Gov. Abbott said Texas will be testing about 15,000 people this week through FEMA-provided testing sites.

AUSTIN, Texas — Tuesday evening, Gov. Greg Abbott joined KVUE to discuss what the State of Texas is doing to slow the spread of the coronavirus (COVID-19). 

As of 5 p.m. Tuesday, 49 states, the District of Columbia, Puerto Rico, Guam and the U.S. Virgin Islands are all reporting COVID-19 cases. There are 76 cases in Texas as of that time.

In a one-on-one satellite interview with KVUE's Quita Culpepper, Abbott discussed the state of disaster he declared last week, his activation of the National Guard and what the State is doing to increase COVID-19 testing.

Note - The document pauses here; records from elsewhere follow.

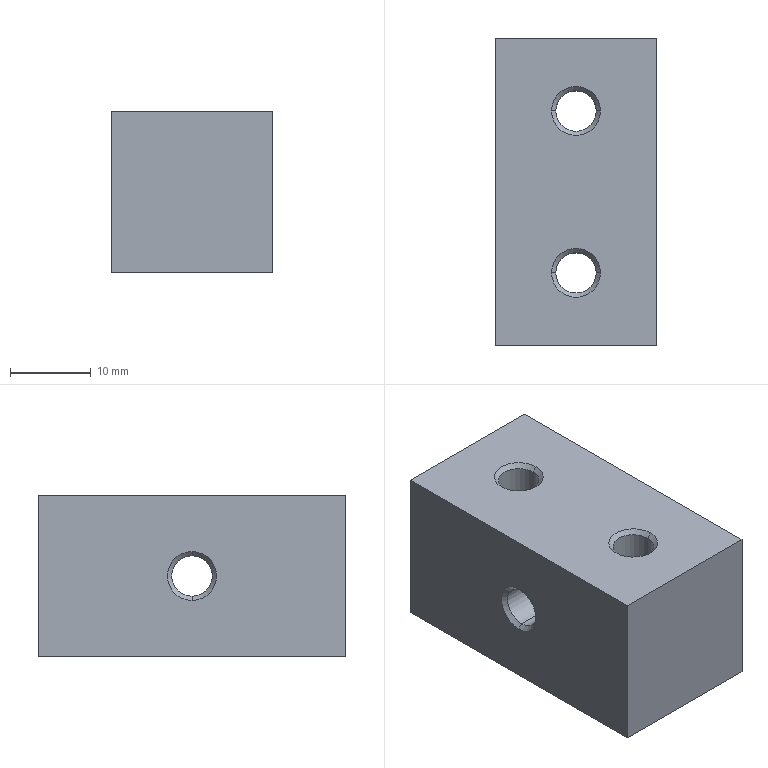Component | SolidWorks | NameDuplicate-1SupportBlock-2 | 1 solid | 18 faces | box 20 x 38 x 20 mm | volume 14015 mm3 | cone 6 | cylinder 6 | plane 6 | commonest cylinder face diameters 5 x6
build123d program:
from build123d import *

# Parameters (mm, degrees)
SKETCH1_W                = 20
SKETCH1_H                = 38
BOSS_EXTRUDE1_DEPTH      = 20
F_5_0_5_DIAMETER_HOLE1_D = 5
F_5_0_5_DIAMETER_HOLE2_D = 5
CHAMFER1_SIZE            = 0.525


with BuildPart() as part:
    # Sketch1 → Boss-Extrude1 (new body)
    with BuildSketch(Plane(origin=(10, 0, 0), x_dir=(0, 0, -1), z_dir=(1, 0, 0))):
        Rectangle(SKETCH1_W, SKETCH1_H)
    extrude(amount=-BOSS_EXTRUDE1_DEPTH)

    # 5.0 _5_ Diameter Hole1 (through all)
    with Locations(Plane(origin=(10, 0, 0), x_dir=(0, 0, -1), z_dir=(1, 0, 0))):
        with Locations((0, 0)):
            Hole(F_5_0_5_DIAMETER_HOLE1_D / 2)

    # 5.0 _5_ Diameter Hole2 (through all)
    with Locations(Plane.XY.offset(10)):
        with Locations((0, -10), (0, 10)):
            Hole(F_5_0_5_DIAMETER_HOLE2_D / 2)

    # Chamfer1
    chamfer1_edges = [part.edges().sort_by_distance(p)[0] for p in [
        (10, 0, -2.5),
        (2.5, 10, 10),
        (2.5, -10, 10),
    ]]
    chamfer(chamfer1_edges, length=CHAMFER1_SIZE)


solid = part.part

# Placed as in the assembly
solid = solid.moved(Location((-387, 406, -252.5), (0, 0, 180)))
STEP:
#1=COLOUR_RGB('',0.7922,0.8196,0.9333);
#2=FILL_AREA_STYLE_COLOUR('',#1);
#3=FILL_AREA_STYLE('',(#2));
#4=SURFACE_STYLE_FILL_AREA(#3);
#5=SURFACE_SIDE_STYLE('',(#4));
#6=SURFACE_STYLE_USAGE(.BOTH.,#5);
#7=PRESENTATION_STYLE_ASSIGNMENT((#6));
#8=CARTESIAN_POINT('',(-15.138,16.378,-9.568));
#9=VERTEX_POINT('',#8);
#10=CARTESIAN_POINT('',(-15.335,16.378,-9.568));
#11=VERTEX_POINT('',#10);
#12=CARTESIAN_POINT('',(-15.236,16.378,-9.568));
#13=DIRECTION('',(0.,0.,1.));
#14=DIRECTION('',(-1.,0.,0.));
#15=AXIS2_PLACEMENT_3D('',#12,#13,#14);
#16=CIRCLE('',#15,0.09843);
#17=EDGE_CURVE('',#9,#11,#16,.T.);
#18=ORIENTED_EDGE('',*,*,#17,.F.);
#19=CARTESIAN_POINT('',(-15.117,16.378,-9.547));
#20=VERTEX_POINT('',#19);
#21=CARTESIAN_POINT('',(-15.138,16.378,-9.568));
#22=DIRECTION('',(0.7071,0.,0.7071));
#23=VECTOR('',#22,39.37);
#24=LINE('',#21,#23);
#25=EDGE_CURVE('',#9,#20,#24,.T.);
#26=ORIENTED_EDGE('',*,*,#25,.T.);
#27=CARTESIAN_POINT('',(-15.355,16.378,-9.547));
#28=VERTEX_POINT('',#27);
#29=CARTESIAN_POINT('',(-15.236,16.378,-9.547));
#30=DIRECTION('',(-0.,-0.,-1.));
#31=DIRECTION('',(-1.,0.,0.));
#32=AXIS2_PLACEMENT_3D('',#29,#30,#31);
#33=CIRCLE('',#32,0.1191);
#34=EDGE_CURVE('',#28,#20,#33,.T.);
#35=ORIENTED_EDGE('',*,*,#34,.F.);
#36=CARTESIAN_POINT('',(-15.335,16.378,-9.568));
#37=DIRECTION('',(-0.7071,-0.,0.7071));
#38=VECTOR('',#37,39.37);
#39=LINE('',#36,#38);
#40=EDGE_CURVE('',#11,#28,#39,.T.);
#41=ORIENTED_EDGE('',*,*,#40,.F.);
#42=EDGE_LOOP('',(#18,#26,#35,#41));
#43=FACE_OUTER_BOUND('',#42,.T.);
#44=CARTESIAN_POINT('',(-15.236,16.378,-9.568));
#45=DIRECTION('',(0.,0.,1.));
#46=DIRECTION('',(-1.,0.,0.));
#47=AXIS2_PLACEMENT_3D('',#44,#45,#46);
#48=CONICAL_SURFACE('',#47,0.09843,0.7854);
#49=ADVANCED_FACE('',(#43),#48,.F.);
#50=CARTESIAN_POINT('',(-15.609,15.984,-9.843));
#51=VERTEX_POINT('',#50);
#52=CARTESIAN_POINT('',(-15.609,15.984,-10.039));
#53=VERTEX_POINT('',#52);
#54=CARTESIAN_POINT('',(-15.609,15.984,-9.941));
#55=DIRECTION('',(-1.,-0.,0.));
#56=DIRECTION('',(0.,0.,-1.));
#57=AXIS2_PLACEMENT_3D('',#54,#55,#56);
#58=CIRCLE('',#57,0.09843);
#59=EDGE_CURVE('',#51,#53,#58,.T.);
#60=ORIENTED_EDGE('',*,*,#59,.F.);
#61=CARTESIAN_POINT('',(-15.63,15.984,-9.822));
#62=VERTEX_POINT('',#61);
#63=CARTESIAN_POINT('',(-15.609,15.984,-9.843));
#64=DIRECTION('',(-0.7071,-0.,0.7071));
#65=VECTOR('',#64,39.37);
#66=LINE('',#63,#65);
#67=EDGE_CURVE('',#51,#62,#66,.T.);
#68=ORIENTED_EDGE('',*,*,#67,.T.);
#69=CARTESIAN_POINT('',(-15.63,15.984,-10.06));
#70=VERTEX_POINT('',#69);
#71=CARTESIAN_POINT('',(-15.63,15.984,-9.941));
#72=DIRECTION('',(1.,0.,-0.));
#73=DIRECTION('',(0.,0.,-1.));
#74=AXIS2_PLACEMENT_3D('',#71,#72,#73);
#75=CIRCLE('',#74,0.1191);
#76=EDGE_CURVE('',#70,#62,#75,.T.);
#77=ORIENTED_EDGE('',*,*,#76,.F.);
#78=CARTESIAN_POINT('',(-15.609,15.984,-10.039));
#79=DIRECTION('',(-0.7071,-0.,-0.7071));
#80=VECTOR('',#79,39.37);
#81=LINE('',#78,#80);
#82=EDGE_CURVE('',#53,#70,#81,.T.);
#83=ORIENTED_EDGE('',*,*,#82,.F.);
#84=EDGE_LOOP('',(#60,#68,#77,#83));
#85=FACE_OUTER_BOUND('',#84,.T.);
#86=CARTESIAN_POINT('',(-15.609,15.984,-9.941));
#87=DIRECTION('',(-1.,-0.,0.));
#88=DIRECTION('',(0.,0.,-1.));
#89=AXIS2_PLACEMENT_3D('',#86,#87,#88);
#90=CONICAL_SURFACE('',#89,0.09843,0.7854);
#91=ADVANCED_FACE('',(#85),#90,.F.);
#92=CARTESIAN_POINT('',(-15.138,15.591,-9.568));
#93=VERTEX_POINT('',#92);
#94=CARTESIAN_POINT('',(-15.335,15.591,-9.568));
#95=VERTEX_POINT('',#94);
#96=CARTESIAN_POINT('',(-15.236,15.591,-9.568));
#97=DIRECTION('',(0.,0.,1.));
#98=DIRECTION('',(-1.,0.,0.));
#99=AXIS2_PLACEMENT_3D('',#96,#97,#98);
#100=CIRCLE('',#99,0.09843);
#101=EDGE_CURVE('',#93,#95,#100,.T.);
#102=ORIENTED_EDGE('',*,*,#101,.F.);
#103=CARTESIAN_POINT('',(-15.117,15.591,-9.547));
#104=VERTEX_POINT('',#103);
#105=CARTESIAN_POINT('',(-15.138,15.591,-9.568));
#106=DIRECTION('',(0.7071,0.,0.7071));
#107=VECTOR('',#106,39.37);
#108=LINE('',#105,#107);
#109=EDGE_CURVE('',#93,#104,#108,.T.);
#110=ORIENTED_EDGE('',*,*,#109,.T.);
#111=CARTESIAN_POINT('',(-15.355,15.591,-9.547));
#112=VERTEX_POINT('',#111);
#113=CARTESIAN_POINT('',(-15.236,15.591,-9.547));
#114=DIRECTION('',(-0.,-0.,-1.));
#115=DIRECTION('',(-1.,0.,0.));
#116=AXIS2_PLACEMENT_3D('',#113,#114,#115);
#117=CIRCLE('',#116,0.1191);
#118=EDGE_CURVE('',#112,#104,#117,.T.);
#119=ORIENTED_EDGE('',*,*,#118,.F.);
#120=CARTESIAN_POINT('',(-15.335,15.591,-9.568));
#121=DIRECTION('',(-0.7071,-0.,0.7071));
#122=VECTOR('',#121,39.37);
#123=LINE('',#120,#122);
#124=EDGE_CURVE('',#95,#112,#123,.T.);
#125=ORIENTED_EDGE('',*,*,#124,.F.);
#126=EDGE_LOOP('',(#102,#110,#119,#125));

RELATED: Texas governor activates National Guard in response to COVID-19

Quita Culpepper: "Austin is one of the Texas cities that ordered all dining rooms, bars and other places to shut down – and so far, local governments seem to be the ones making these decisions. Are you considering a statewide order for these kinds of closures to happen?"

Gov. Greg Abbott: "Well, see, exactly what happened is that when I issued the disaster declaration that empowered local jurisdictions to do exactly what they were doing, so that these things work in tandem. And what the City of Austin is doing is exactly what the president talked about yesterday and today. And that is the importance of making sure we maintain good distancing practices and that means not having crowds of more than 10 people. So, everything is working exactly the way that it should. When we have what we call natural disasters and national disasters like this, it is essential that we have the federal, state and local governments all working collaboratively."

Culpepper: "And just a short time ago, Governor, you made a request that could help small businesses that are being hit so hard by all these closures."

Abbott: "Right. So, among other things that we've done, we've made certain requests to Washington, D.C., whether it be on SBA loans, whatever the case may be. But, very importantly, is what's going to be taking place this week in the United States Congress. The U.S. Senate has taken up the bill that was passed out of the U.S. House. The Senate bill, they're looking to add even more items in that will help the business owners who are suffering so much, as well as their employees. One thing that Washington seems to be paying attention to that we are also here in Texas, and that is looking to make sure we do everything we can to help our business owners and the employees who work for them."

Culpepper: "Earlier today, you activated the National Guard to assist with response efforts. Exactly what does this mean? What will they be doing?"

Abbott: "First, we have been working with the general in charge of the National Guard going back to mid-January. And her team and my team have been collaborating and planning exactly how we would be responding to COVID-19 or to the coronavirus. Now what we're going to do is we're beginning to get ready to mobilize National Guard members as needed to different locations. That could be to assist with, let's say, traffic operations that these drive-thru testing facilities. It could be – I had a meeting today with CEOs of hospitals and they said that the National Guard could help them in organizing a few things around their hospitals. And so, it just depends on who makes a request for their assistance. We want them to know that we have many members of the Texas National Guard who are ready at a moment's notice to be able to step up and help out."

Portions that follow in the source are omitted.